The rules which SED uses are documented in IEEE 1003.1 (p. 3221):

An <ampersand>
('&') appearing in the replacement shall be replaced by the string matching the
BRE. The special meaning of '&' in this context can be suppressed by preceding it
by a <backslash>. The characters "\n", where n is a digit, shall be replaced by the
text matched by the corresponding back-reference expression. 
...
The special meaning of "\n" where n is a digit in
this context, can be suppressed by preceding it by a <backslash>.

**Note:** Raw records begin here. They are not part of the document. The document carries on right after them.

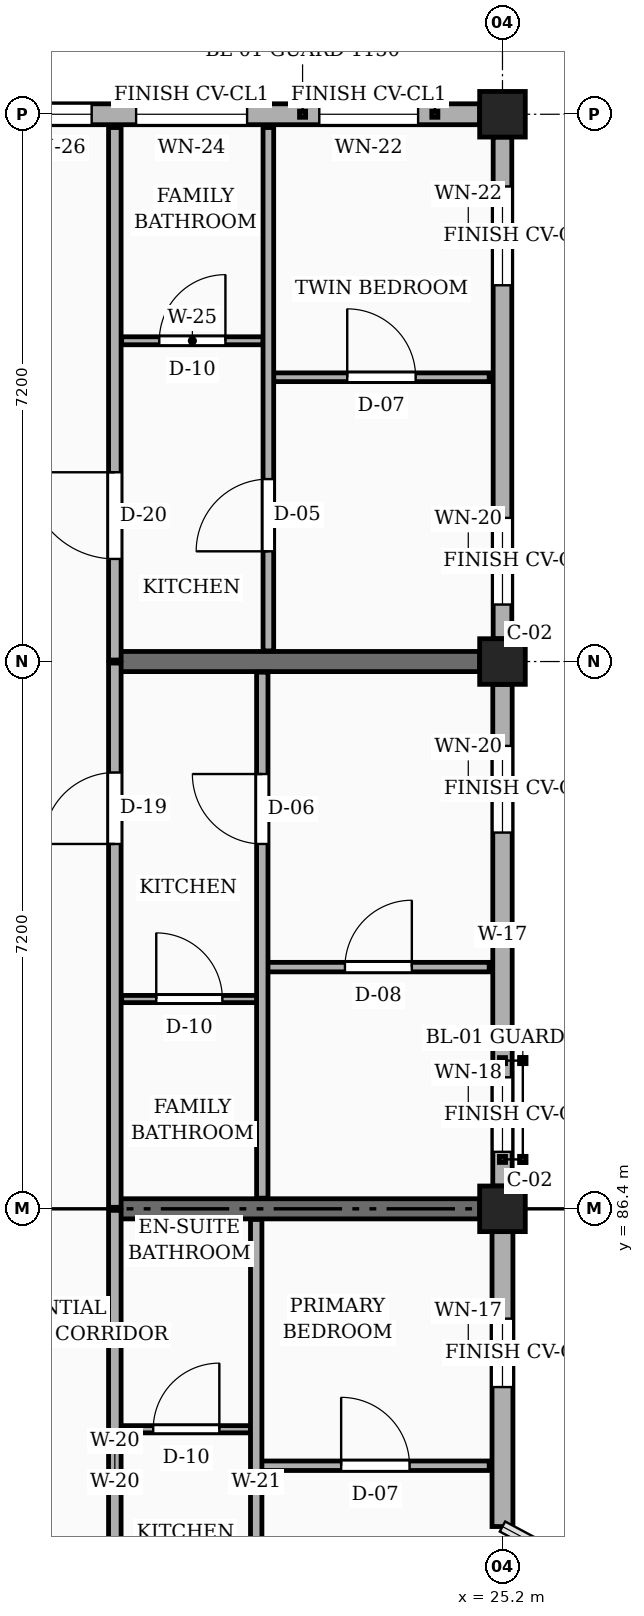
"""IFC4 building model, lengths in metres.
Left out: names, types, materials, properties, quantities, classifications, styles, units other than length and angle.
Written with IfcOpenShell. Run it as: python <this file> out.ifc"""

import sys

from ifc_helpers import new_model, si_unit, direction, frame, frame_2d, origin, origin_2d, place, context, subcontext, project, spatial, rectangle, extrude, element, fill, save


model = new_model("IFC4")
c1 = context("Model", 3, precision=1e-05, world=origin(), true_north=direction((0.0, 1.0)))
c2 = subcontext(c1, "Body", "Model", "MODEL_VIEW")
j1 = project(units=[si_unit("LENGTHUNIT", "METRE"), si_unit("PLANEANGLEUNIT", "RADIAN")], contexts=[c1])
p1 = place(None, origin())
s1 = spatial("IfcSite", under=j1, at=p1, CompositionType="ELEMENT")
p2 = place(p1, origin())
s2 = spatial("IfcBuilding", under=s1, at=p2, CompositionType="ELEMENT")
p3 = place(p2, frame((0.0, 0.0, 7.65)))
s3 = spatial("IfcBuildingStorey", under=s2, at=p3, CompositionType="ELEMENT", Elevation=7.65)
for number, where, z_axis, x_axis in (
    (1, (25.2, 86.4, 0.0), (0.0, 0.0, 1.0), (1.0, 0.0, 0.0)),
    (2, (25.2, 93.6, 0.0), (0.0, 0.0, 1.0), (1.0, 0.0, 0.0)),
    (3, (25.2, 100.8, 0.0), (0.0, 0.0, 1.0), (1.0, 0.0, 0.0)),
):
    element("IfcColumn", number, at=place(p3, frame(where, z_axis=z_axis, x_axis=x_axis)), inside=s3, PredefinedType="COLUMN", context=c2, shape_type="SweptSolid", body=[
        extrude(rectangle(XDim=0.6, YDim=0.6, at=origin_2d()), origin(), (0.0, 0.0, 1.0), 3.15),
    ])
for number, where, z_axis, x_axis in (
    (4, (20.1, 86.4, 0.0), (0.0, 0.0, 1.0), (1.0, 0.0, 0.0)),
    (5, (20.1, 93.6, 0.0), (0.0, 0.0, 1.0), (1.0, 0.0, 0.0)),
):
    element("IfcWall", number, at=place(p3, frame(where, z_axis=z_axis, x_axis=x_axis)), inside=s3, PredefinedType="SOLIDWALL", context=c2, shape_type="SweptSolid", body=[
        extrude(rectangle(XDim=4.8, YDim=0.265, at=frame_2d((2.4, 0.0))), origin(), (0.0, 0.0, 1.0), 2.21),
    ])
p4 = place(p3, frame((25.2, 82.22, 0.0), z_axis=(0.0, 0.0, 1.0), x_axis=(0.0, 1.0, 0.0)))
e6 = element("IfcWall", 6, at=p4, inside=s3, PredefinedType="SOLIDWALL", context=c2, shape_type="SweptSolid", body=[
    extrude(rectangle(XDim=3.88, YDim=0.275, at=frame_2d((1.94, 0.0))), origin(), (0.0, 0.0, 1.0), 2.48),
])
p5 = place(p4, frame((1.835, 0.0, 0.78)))
e7 = element("IfcOpeningElement", 7, at=p5, cuts=e6, PredefinedType="OPENING", context=c2, shape_type="SweptSolid", body=[
    extrude(rectangle(XDim=0.9, YDim=1.36, at=frame_2d((0.45, 0.68))), frame((0.0, 0.147, 0.0), z_axis=(0.0, -1.0, 0.0), x_axis=(1.0, 0.0, 0.0)), (0.0, 0.0, 1.0), 0.295),
])
p6 = place(p3, frame((25.2, 86.7, 0.0), z_axis=(0.0, 0.0, 1.0), x_axis=(0.0, 1.0, 0.0)))
e8 = element("IfcWall", 8, at=p6, inside=s3, PredefinedType="SOLIDWALL", context=c2, shape_type="SweptSolid", body=[
    extrude(rectangle(XDim=6.6, YDim=0.255, at=frame_2d((3.3, 0.0))), origin(), (0.0, 0.0, 1.0), 2.48),
])
p7 = place(p6, frame((0.45, 0.0, 0.78)))
e9 = element("IfcOpeningElement", 9, at=p7, cuts=e8, PredefinedType="OPENING", context=c2, shape_type="SweptSolid", body=[
    extrude(rectangle(XDim=0.98, YDim=1.36, at=frame_2d((0.49, 0.68))), frame((0.0, 0.137, 0.0), z_axis=(0.0, -1.0, 0.0), x_axis=(1.0, 0.0, 0.0)), (0.0, 0.0, 1.0), 0.275),
])
p8 = place(p6, frame((4.65, 0.0, 0.78)))
e10 = element("IfcOpeningElement", 10, at=p8, cuts=e8, PredefinedType="OPENING", context=c2, shape_type="SweptSolid", body=[
    extrude(rectangle(XDim=1.14, YDim=1.36, at=frame_2d((0.57, 0.68))), frame((0.0, 0.137, 0.0), z_axis=(0.0, -1.0, 0.0), x_axis=(1.0, 0.0, 0.0)), (0.0, 0.0, 1.0), 0.275),
])
p9 = place(p3, frame((25.2, 93.9, 0.0), z_axis=(0.0, 0.0, 1.0), x_axis=(0.0, 1.0, 0.0)))
e11 = element("IfcWall", 11, at=p9, inside=s3, PredefinedType="SOLIDWALL", context=c2, shape_type="SweptSolid", body=[
    extrude(rectangle(XDim=6.6, YDim=0.245, at=frame_2d((3.3, 0.0))), origin(), (0.0, 0.0, 1.0), 2.48),
])
p10 = place(p9, frame((0.45, 0.0, 0.78)))
e12 = element("IfcOpeningElement", 12, at=p10, cuts=e11, PredefinedType="OPENING", context=c2, shape_type="SweptSolid", body=[
    extrude(rectangle(XDim=1.14, YDim=1.36, at=frame_2d((0.57, 0.68))), frame((0.0, 0.133, 0.0), z_axis=(0.0, -1.0, 0.0), x_axis=(1.0, 0.0, 0.0)), (0.0, 0.0, 1.0), 0.265),
])
p11 = place(p9, frame((4.65, 0.0, 0.78)))
e13 = element("IfcOpeningElement", 13, at=p11, cuts=e11, PredefinedType="OPENING", context=c2, shape_type="SweptSolid", body=[
    extrude(rectangle(XDim=1.3, YDim=1.36, at=frame_2d((0.65, 0.68))), frame((0.0, 0.133, 0.0), z_axis=(0.0, -1.0, 0.0), x_axis=(1.0, 0.0, 0.0)), (0.0, 0.0, 1.0), 0.265),
])
p12 = place(p3, frame((24.9, 100.8, 0.0), z_axis=(0.0, 0.0, 1.0), x_axis=(-1.0, 0.0, 0.0)))
e14 = element("IfcWall", 14, at=p12, inside=s3, PredefinedType="SOLIDWALL", context=c2, shape_type="SweptSolid", body=[
    extrude(rectangle(XDim=6.6, YDim=0.275, at=frame_2d((3.3, 0.0))), origin(), (0.0, 0.0, 1.0), 2.48),
])
p13 = place(p12, frame((0.81, 0.0, 0.78)))
e15 = element("IfcOpeningElement", 15, at=p13, cuts=e14, PredefinedType="OPENING", context=c2, shape_type="SweptSolid", body=[
    extrude(rectangle(XDim=1.3, YDim=1.36, at=frame_2d((0.65, 0.68))), frame((0.0, 0.147, 0.0), z_axis=(0.0, -1.0, 0.0), x_axis=(1.0, 0.0, 0.0)), (0.0, 0.0, 1.0), 0.295),
])
p14 = place(p12, frame((3.06, 0.0, 0.78)))
e16 = element("IfcOpeningElement", 16, at=p14, cuts=e14, PredefinedType="OPENING", context=c2, shape_type="SweptSolid", body=[
    extrude(rectangle(XDim=1.46, YDim=1.36, at=frame_2d((0.73, 0.68))), frame((0.0, 0.147, 0.0), z_axis=(0.0, -1.0, 0.0), x_axis=(1.0, 0.0, 0.0)), (0.0, 0.0, 1.0), 0.295),
])
p15 = place(p12, frame((5.105, 0.0, 0.78)))
e17 = element("IfcOpeningElement", 17, at=p15, cuts=e14, PredefinedType="OPENING", context=c2, shape_type="SweptSolid", body=[
    extrude(rectangle(XDim=1.05, YDim=1.44, at=frame_2d((0.525, 0.72))), frame((0.0, 0.147, 0.0), z_axis=(0.0, -1.0, 0.0), x_axis=(1.0, 0.0, 0.0)), (0.0, 0.0, 1.0), 0.295),
])
p16 = place(p3, frame((20.1, 79.22, 0.0), z_axis=(0.0, 0.0, 1.0), x_axis=(0.0, 1.0, 0.0)))
e18 = element("IfcWall", 18, at=p16, inside=s3, PredefinedType="PARTITIONING", context=c2, shape_type="SweptSolid", body=[
    extrude(rectangle(XDim=7.16, YDim=0.165, at=frame_2d((3.58, 0.0))), origin(), (0.0, 0.0, 1.0), 2.345),
])
p17 = place(p16, frame((1.33, 0.0, 0.0)))
e19 = element("IfcOpeningElement", 19, at=p17, cuts=e18, PredefinedType="OPENING", context=c2, shape_type="SweptSolid", body=[
    extrude(rectangle(XDim=1.0, YDim=2.15, at=frame_2d((0.5, 1.075))), frame((0.0, 0.093, 0.0), z_axis=(0.0, -1.0, 0.0), x_axis=(1.0, 0.0, 0.0)), (0.0, 0.0, 1.0), 0.185),
])
p18 = place(p3, frame((20.1, 86.42, 0.0), z_axis=(0.0, 0.0, 1.0), x_axis=(0.0, 1.0, 0.0)))
e20 = element("IfcWall", 20, at=p18, inside=s3, PredefinedType="PARTITIONING", context=c2, shape_type="SweptSolid", body=[
    extrude(rectangle(XDim=7.16, YDim=0.165, at=frame_2d((3.58, 0.0))), origin(), (0.0, 0.0, 1.0), 2.345),
])
p19 = place(p18, frame((4.78, 0.0, 0.0)))
e21 = element("IfcOpeningElement", 21, at=p19, cuts=e20, PredefinedType="OPENING", context=c2, shape_type="SweptSolid", body=[
    extrude(rectangle(XDim=0.94, YDim=2.12, at=frame_2d((0.47, 1.06))), frame((0.0, 0.093, 0.0), z_axis=(0.0, -1.0, 0.0), x_axis=(1.0, 0.0, 0.0)), (0.0, 0.0, 1.0), 0.185),
])
p20 = place(p3, frame((20.1, 93.62, 0.0), z_axis=(0.0, 0.0, 1.0), x_axis=(0.0, 1.0, 0.0)))
e22 = element("IfcWall", 22, at=p20, inside=s3, PredefinedType="PARTITIONING", context=c2, shape_type="SweptSolid", body=[
    extrude(rectangle(XDim=7.005, YDim=0.165, at=frame_2d((3.502, 0.0))), origin(), (0.0, 0.0, 1.0), 2.345),
])
p21 = place(p20, frame((1.33, 0.0, 0.0)))
e23 = element("IfcOpeningElement", 23, at=p21, cuts=e22, PredefinedType="OPENING", context=c2, shape_type="SweptSolid", body=[
    extrude(rectangle(XDim=1.14, YDim=2.18, at=frame_2d((0.57, 1.09))), frame((0.0, 0.093, 0.0), z_axis=(0.0, -1.0, 0.0), x_axis=(1.0, 0.0, 0.0)), (0.0, 0.0, 1.0), 0.185),
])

The current implementation of std::regex_replace does not comply to the standard: special meanings of &, \0, \2 cannot be suppressed by escaping them with backslashes.


Reproducer:

#include <regex>
int frep(const wchar_t *istr, const wchar_t *rstr, const wchar_t *ostr) {
    std::basic_regex<wchar_t> wrgx(L"(a*)(b+)");
    std::basic_string<wchar_t> wstr = istr, wret = ostr, test;
    std::regex_replace(std::back_inserter(test), wstr.begin(), wstr.end(),
                       wrgx, std::basic_string<wchar_t>(rstr),
                       std::regex_constants::format_sed);
    return !printf("'%ls' %c= '%ls'\n",
                   test.c_str(), (test == wret)? '=' : '!', wret.c_str());
}
int main() {
    frep(L"xbbyabz", L"!\\\\2!", L"x!\\2!y!\\2!z");
    frep(L"xbbyabz", L"!\\\\0!", L"x!\\0!y!\\0!z");
    return frep(L"xbbyabz", L"!\\&!", L"x!&!y!&!z");
}
Comment 1 Jonathan Wakely 2017-12-27 22:50:49 UTC
Reduced:

#include <regex>
int main() {
  auto format = std::regex_constants::format_sed;
  auto out = regex_replace("ab", std::regex("(a)(b)"), R"(\\1\&\\2)", format);
  if (out != R"(\1&\2)")
    throw 1;
}


Tim, is there an easy fix for this that I can try, or should I leave it to you?
Comment 2 Tim Shen 2018-01-14 00:49:02 UTC
Author: timshen
Date: Sun Jan 14 00:48:30 2018
New Revision: 256654

URL: https://gcc.gnu.org/viewcvs?rev=256654&root=gcc&view=rev
Log:
	PR libstdc++/83601
	* include/bits/regex.tcc (regex_replace): Fix escaping in sed.
	* testsuite/28_regex/algorithms/regex_replace/char/pr83601.cc: Tests.
	* testsuite/28_regex/algorithms/regex_replace/wchar_t/pr83601.cc: Tests.

Added:
    trunk/libstdc++-v3/testsuite/28_regex/algorithms/regex_replace/char/pr83601.cc
    trunk/libstdc++-v3/testsuite/28_regex/algorithms/regex_replace/wchar_t/pr83601.cc
Modified:
    trunk/libstdc++-v3/ChangeLog
    trunk/libstdc++-v3/include/bits/regex.tcc
Comment 3 Tim Shen 2018-01-14 01:01:21 UTC
Mark as fixed.
Comment 4 Dominik Haumann 2018-09-17 12:53:21 UTC
If there is interest, another (smaller) test case would be:

    const std::string input    = R"((.))";
    const std::string expected = R"(\(\.\))";
    const std::string obtained_std = std::regex_replace(input, std::regex(R"([.^$|()\[\]{}*+?\\])"), R"(\\&)",
			           std::regex_constants::match_default | std::regex_constants::format_sed);
    const std::string obtained_boost = boost::regex_replace(input, boost::regex(R"([.^$|()\[\]{}*+?\\])"), R"(\\&)",
			               boost::regex_constants::match_default | boost::regex_constants::format_sed);
    
    std::cout << "expected.......='" << expected       << "'" << std::endl;
    std::cout << "obtained(std)..='" << obtained_std   << "'" << std::endl;
    std::cout << "obtained(boost)='" << obtained_boost << "'" << std::endl;

Output with GCC < 8:

    expected.......='\(\.\)'
    obtained(std)..='\\(\\(\\.\\)\\)'
    obtained(boost)='\(\(\.\)\)'

With GCC >= 8, it works and it's the same as with boost.